Ce dernier reprochait à sept conseillers municipaux, dont les quatre toujours en poste, d’avoir détruit sa réputation dans les médias à l’époque où il était maire de 2005 à 2009. M. Pelletier avait notamment été comparé à la mascotte Youppi! et sa mission économique en Chine avait été qualifiée de « vacances ».

Pour Danielle Pilette, professeure à l’UQAM en affaires municipales, la faute des quatre élus ne fait aucun doute. « Ils auraient dû s’abstenir de voter », dit-elle.

Danielle Pilette, <i>professeure à l’UQAM</i>
Photo courtoisie
Danielle Pilette, professeure à l’UQAM

Selon la spécialiste, la faute est d’autant plus grande que la cause se base sur les propos publics des conseillers et non sur une décision administrative.

Autre manquement

« Leur vote donne l’impression qu’ils ont voulu se faire justice eux-mêmes avec l’argent de la Ville, déplore-t-elle. Ils ne font pas la différence entre leurs intérêts et ceux de la Ville. »

Selon Mme Pilette, malgré plusieurs abstentions, le vote aurait quand même pu se tenir avec un plus petit nombre de voix.

Ce qui avait d’ailleurs été le cas quelques minutes plus tôt lors de la même séance de conseil municipal. L’ex-conseiller de l’opposition, Steve Gagnon, s’était retiré d’un vote qui le concernait.

M. Gagnon avait mis en demeure son collègue Daniel Lucier et celui-ci demandait à la Ville le remboursement de frais juridiques de 3287 $.

Dans ce cas-là non plus, M. Lucier ne s’était pas abstenu, ce qui lui vaut d’ailleurs de faire l’objet d’une enquête pour ce deuxième manquement.

Soutien

Appelées à s’exprimer sur le sujet, les formations politiques des élus visés nous ont fait savoir par courriel qu’elles soutenaient leur candidat.

« On peut comparer cette situation avec les augmentations salariales que les élus sont appelés à se voter pour eux-mêmes », affirme par courriel Brossard Ensemble, pour défendre le geste de Claudio Benedetti.

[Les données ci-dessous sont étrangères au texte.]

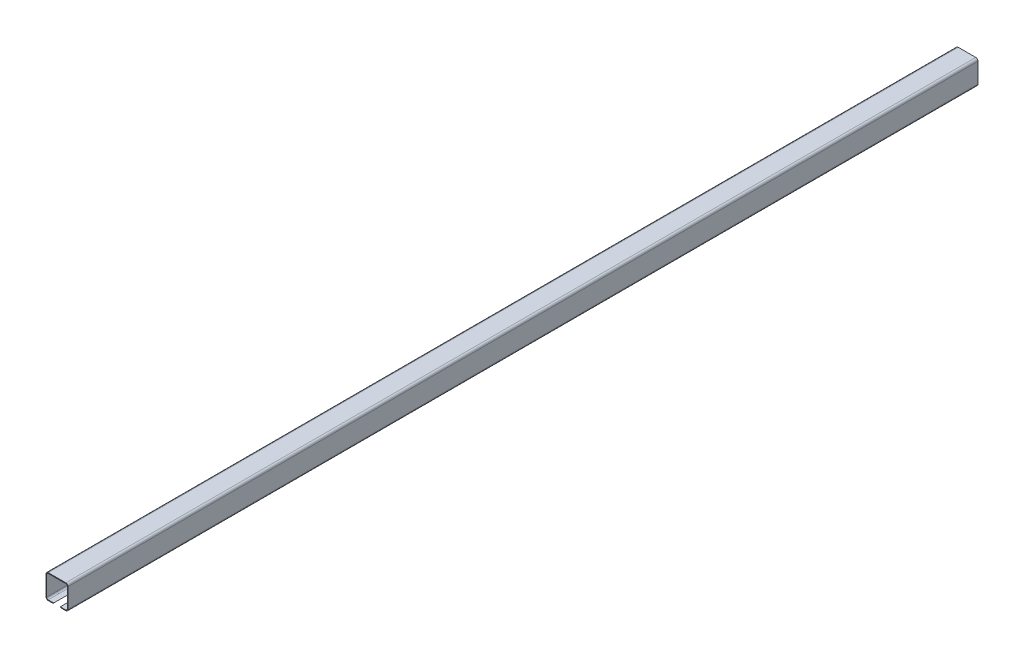
from build123d import *

# Parameters (mm, degrees)
BOSS_EXTRUDE1_DEPTH = 4135


with BuildPart() as part:
    # Sketch1 → Boss-Extrude1 (new body)
    with BuildSketch(Plane.XY):
        with BuildLine():
            Line((-40, 55), (0, 55))
            Line((0, 55), (40, 55))
            ThreePointArc((40, 55), (47.071067812, 52.071067812), (50, 45))
            Line((50, 45), (50, -45))
            ThreePointArc((50, -45), (47.071067812, -52.071067812), (40, -55))
            Line((40, -55), (18, -55))
            Line((18, -55), (15, -52))
            Line((15, -52), (40, -52))
            ThreePointArc((40, -52), (44.949747468, -49.949747468), (47, -45))
            Line((47, -45), (47, 45))
            ThreePointArc((47, 45), (44.949747468, 49.949747468), (40, 52))
            Line((40, 52), (0, 52))
            Line((0, 52), (-40, 52))
            ThreePointArc((-40, 52), (-44.949747468, 49.949747468), (-47, 45))
            Line((-47, 45), (-47, -45))
            ThreePointArc((-47, -45), (-44.949747468, -49.949747468), (-40, -52))
            Line((-40, -52), (-15, -52))
            Line((-15, -52), (-18, -55))
            Line((-18, -55), (-40, -55))
            ThreePointArc((-40, -55), (-47.071067812, -52.071067812), (-50, -45))
            Line((-50, -45), (-50, 45))
            ThreePointArc((-50, 45), (-47.071067812, 52.071067812), (-40, 55))
        make_face()
    extrude(amount=BOSS_EXTRUDE1_DEPTH)


solid = part.part

Quant aux trois candidats de Priorité Brossard, « ils tiennent à mentionner que le service juridique de la Ville a été consulté avant la tenue du vote sur la résolution », a indiqué leur parti.

Ce que dit la loi

Le membre du conseil d’une municipalité qui est présent à une séance au moment où doit être prise en considération une question dans laquelle il a directement ou indirectement un intérêt pécuniaire particulier doit divulguer la nature générale de cet intérêt avant le début des délibérations sur cette question et s’abstenir de participer à celles-ci et de voter ou de tenter d’influencer le vote sur cette question.